A power series expansion of a multivariate function can be performed with the Series command, which performs each expansion consecutively. The results can be a bit clunky, however.

Often "mixed" terms will show up. For instance, a function f(x,y) expanded to the first order about zero in x then y will often have terms a*x*y with a some constant. Since we've aske for a first-order expansion, terms like a*x*y are undesirable.
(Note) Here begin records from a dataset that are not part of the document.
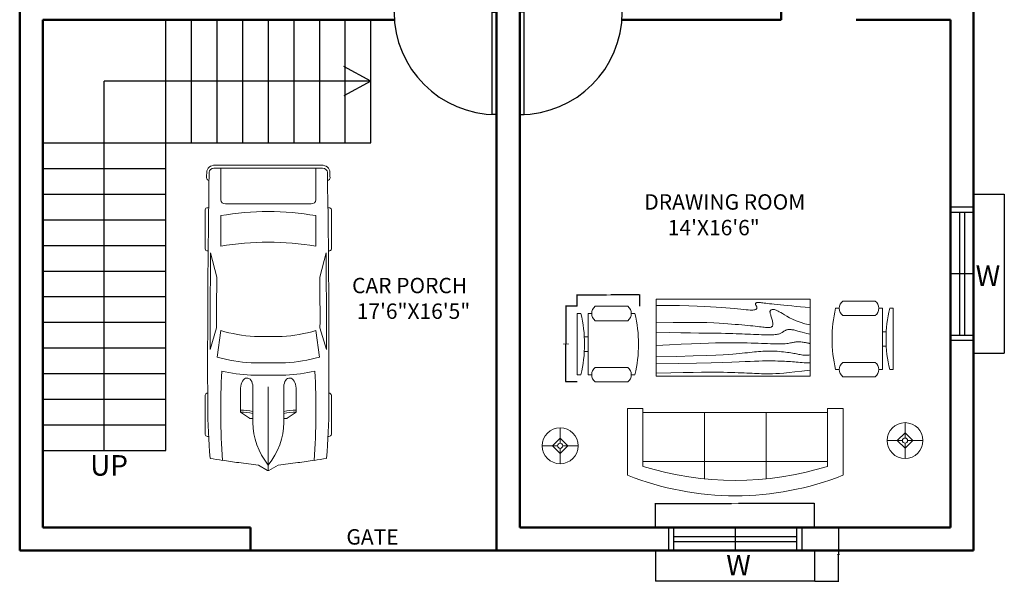
# Model space of a CAD drawing. Units: inches. Extents: x -8 to 1354, y -679 to 94.
# Tile 1 of 6: x 4 to 388, y -648 to -429. Entities that reach past the tile are written whole.
import ezdxf

# ---------------------------------------------------------------- set-up
doc = ezdxf.new("R2010")
doc.units = ezdxf.units.IN
doc.header["$MEASUREMENT"] = 0
for name, color, linetype, lineweight in [('A-ANNO-DIMS', 2, 'Continuous', 18), ('A-ANNO-TEXT', 7, 'Continuous', 25), ('A-AREA-IDEN', 7, 'Continuous', 25), ('A-DOOR', 3, 'Continuous', 25), ('A-FLOR-STRS', 2, 'Continuous', 25), ('A-FURN', 8, 'Continuous', 18), ('A-GLAZ', 4, 'Continuous', 25), ('A-SITE-VEHC', 9, 'Continuous', 13), ('A-WALL', 1, 'Continuous', 50)]:
    doc.layers.add(name, color=color, linetype=linetype, lineweight=lineweight)
doc.styles.get("Standard").update_dxf_attribs({"font": 'arial.ttf'})
doc.dimstyles.get("Standard").update_dxf_attribs({"dimtxt": 0.18, "dimasz": 0.18, "dimexe": 0.18, "dimexo": 0.0625, "dimgap": 0.09, "dimtad": 0, "dimtih": 1, "dimtoh": 1, "dimdec": 1, "dimzin": 0, "dimdsep": 46, "dimlunit": 4, "dimtxsty": 'Standard', "dimcen": 0.09, "dimclrd": 2, "dimclre": 3, "dimclrt": 6, "dimadec": 0, "dimazin": 0, "dimtfac": 1, "dimtdec": 1, "dimtofl": 0, "dimtmove": 0, "dimatfit": 3, "dimfxl": 1, "dimtfill": 2, "dimtfillclr": 4, "dimtolj": 1, "dimtzin": 0, "dimarcsym": 0})

# ---------------------------------------------------------------- blocks, each defined once
blk = doc.blocks.new('*U5')
for p, q in [((-40, 0), (-40, 6)), ((0, 0), (0, 6))]:
    blk.add_line(p, q)
blk.add_lwpolyline([(0, 0), (0, -40), (-1.75, -40), (-1.75, 0)], close=True)
blk.add_arc((0, 0), 40, 180, 270)
blk = doc.blocks.new('*U2')
for p, q in [((0, 0), (0, 6)), ((40, 0), (40, 6))]:
    blk.add_line(p, q)
blk.add_lwpolyline([(0, 0), (0, -40), (1.75, -40), (1.75, 0)], close=True)
blk.add_arc((0, 0), 40, 270, 0)
blk = doc.blocks.new('*U9')
for p, q in [((21.1, 37.41), (21.1, 36.83)), ((46.55, 38.89), (22.35, 38.89)), ((47.8, 37.39), (47.8, 37.41)), ((135.45, 37.07), (135.45, 37.41)), ((136.7, 38.89), (160.9, 38.89)), ((162.15, 37.41), (162.15, 36.77)), ((70.03, 31.54), (86.41, 29.35)), ((87.99, 31.87), (74.76, 35.92)), ((134.31, 35.6), (119.29, 31.78)), ((186.47, -33.5), (186.47, 33.5)), ((188.4, -32.76), (188.4, 32.76)), ((138.42, 29.35), (157.25, 29.35)), ((164.52, 26.39), (164.52, -26.39)), ((186.47, 29.35), (167.01, 29.35)), ((32.27, 11.63), (36.13, 17.17)), ((36.13, 17.17), (50.94, 17.17)), ((3.27, 6.13), (0.1, 0.41)), ((29.77, 9.51), (51.68, 9.51)), ((32.12, 9.51), (32.12, 11.15)), ((58.92, -10.77), (58.92, 10.77)), ((66.55, -10.53), (66.55, 10.53)), ((82.74, 8.5), (82.74, -8.5)), ((186.47, -10.53), (186.47, 10.53)), ((0, 0), (51.68, 0)), ((0.1, -0.41), (3.27, -6.13)), ((29.77, -9.51), (51.68, -9.51)), ((32.12, -9.51), (32.12, -11.15)), ((32.27, -11.63), (36.13, -17.17)), ((36.13, -17.17), (50.94, -17.17)), ((86.41, -29.35), (70.03, -31.54)), ((157.25, -29.35), (138.42, -29.35)), ((167.01, -29.35), (186.47, -29.35)), ((87.99, -31.87), (74.76, -35.92)), ((134.31, -35.6), (119.29, -31.78)), ((21.1, -37.41), (21.1, -36.83)), ((46.55, -38.89), (22.35, -38.89)), ((47.8, -37.39), (47.8, -37.41)), ((135.45, -37.07), (135.45, -37.41)), ((136.7, -38.89), (160.9, -38.89)), ((162.15, -37.41), (162.15, -36.77))]:
    blk.add_line(p, q)
for centre, major_axis, ratio, start_param, end_param in [((41.19, -490.86), (0, 528.23), 0.842304, 0.00281, 0.075598), ((22.35, 37.41), (0, -1.48), 0.842304, 3.141593, 4.712389), ((64.48, -10555.62), (0, 10593.03), 0.842304, -0.013397, 0.002797), ((46.55, 37.41), (0, 1.48), 0.842304, -1.570796, 0), ((136.7, 37.41), (0, -1.48), 0.842304, 3.141593, 4.712389), ((160.9, 37.41), (0, 1.48), 0.842304, -1.570796, 0), ((180.63, 35.84), (0, 2.22), 0.842304, -0.013017, 1.249894), ((64.48, -10556.36), (0, 10595.31), 0.842304, -0.013397, -0.013017), ((183.98, 33.5), (0, -2.96), 0.842304, 1.570796, 3.128196), ((183.98, 32.76), (0, -5.25), 0.842304, 1.570796, 3.128196), ((266.03, -27.52), (0, 313.31), 0.842304, 1.367076, 1.39176), ((135.29, 5.39), (0, 81.77), 0.842304, 1.245306, 1.50788), ((64.48, -10555.62), (0, -10591.55), 0.842304, 3.133765, 3.140441), ((95.79, -3666.35), (0, -3698.24), 0.842304, 3.134049, 3.144098), ((259.18, -27.52), (0, -305.3), 0.842304, 4.528606, 4.561838), ((37.47, -593.96), (0, -623.33), 0.842304, 3.096046, 3.200911), ((134.4, 5.39), (0, -89.78), 0.842304, 4.449482, 4.652344), ((149.6, 2.8), (0, -79.58), 0.842304, 4.372215, 4.640744), ((17.08, 0), (0, 147.02), 0.842304, 4.511394, 4.913384), ((35.91, 0), (0, 147.02), 0.842304, 4.511394, 4.913384), ((167.01, 26.39), (0, 2.96), 0.842304, 0, 1.570796), ((-204.49, 52.4), (0, -250.96), 0.842304, 1.385369, 1.434372), ((13.04, 17.01), (0, 27.42), 0.842304, 4.435146, 4.718221), ((14.2, 17.01), (0, 27.42), 0.842304, 4.435146, 4.718221), ((50.79, 13.34), (6.34, -0.36), 0.603834, -1.395552, 1.581315), ((29.77, -46.66), (0, 56.17), 0.842304, 0, 0.590319), ((32.75, 11.15), (0, 0.74), 0.842304, 0.879714, 1.570796), ((0.62, 0), (0, -0.74), 0.842304, 4.131459, 5.293319), ((29.77, 46.66), (0, 56.17), 0.842304, 2.551274, 3.141593), ((-204.49, -52.4), (0, 250.96), 0.842304, -1.434372, -1.385369), ((32.75, -11.15), (0, -0.74), 0.842304, 4.712389, 5.403472), ((13.04, -17.01), (0, -27.42), 0.842304, 1.564964, 1.848039), ((14.2, -17.01), (0, -27.42), 0.842304, 1.564964, 1.848039), ((134.4, -5.39), (0, -89.78), 0.842304, -1.510751, -1.307889), ((135.29, -5.39), (0, -81.77), 0.842304, -1.50788, -1.245306), ((149.6, -2.8), (0, -79.58), 0.842304, -1.499151, -1.230623), ((259.18, 27.52), (0, 305.3), 0.842304, 1.721348, 1.754579), ((266.03, 27.52), (0, 313.31), 0.842304, 1.749832, 1.774517), ((37.47, 593.96), (0, -623.33), 0.842304, -0.059319, 0.045547), ((167.01, -26.39), (0, -2.96), 0.842304, 4.712389, 6.283185), ((41.19, 490.86), (0, -528.23), 0.842304, -0.075598, -0.00281), ((64.48, 10555.62), (0, -10591.55), 0.842304, 0.001152, 0.007828), ((95.79, 3666.35), (0, -3698.24), 0.842304, -0.002505, 0.007544), ((183.98, -33.5), (0, 2.96), 0.842304, 3.15499, 4.712389), ((183.98, -32.76), (0, -5.25), 0.842304, 0.013397, 1.570796), ((22.35, -37.41), (0, 1.48), 0.842304, 1.570796, 3.141593), ((64.48, 10555.62), (0, 10593.03), 0.842304, 3.138796, 3.15499), ((46.55, -37.41), (0, -1.48), 0.842304, 0, 1.570796), ((136.7, -37.41), (0, -1.48), 0.842304, -1.570796, 0), ((160.9, -37.41), (0, 1.48), 0.842304, 3.141593, 4.712389), ((180.63, -35.84), (0, -2.22), 0.842304, -1.249894, 0.013017), ((64.48, 10556.36), (0, 10595.31), 0.842304, 3.15461, 3.15499)]:
    blk.add_ellipse(centre, major_axis=major_axis, ratio=ratio, start_param=start_param, end_param=end_param)
at = {"extrusion": (0, 0, -1)}
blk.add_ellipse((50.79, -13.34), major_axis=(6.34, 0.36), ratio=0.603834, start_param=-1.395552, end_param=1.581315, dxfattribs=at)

It is easy-enough to fix this in the two-variable case with something like this.

ReplaceAll[#,{x*y :> 0}]&


But in n variables, an explosion in the number of possible combinations becomes prohibitive to use this "by-hand" type of fix. Is there an elegant solution to this? I could write a routine to generate all combinations and corresponding list of replacement rules, but this seems... excessive.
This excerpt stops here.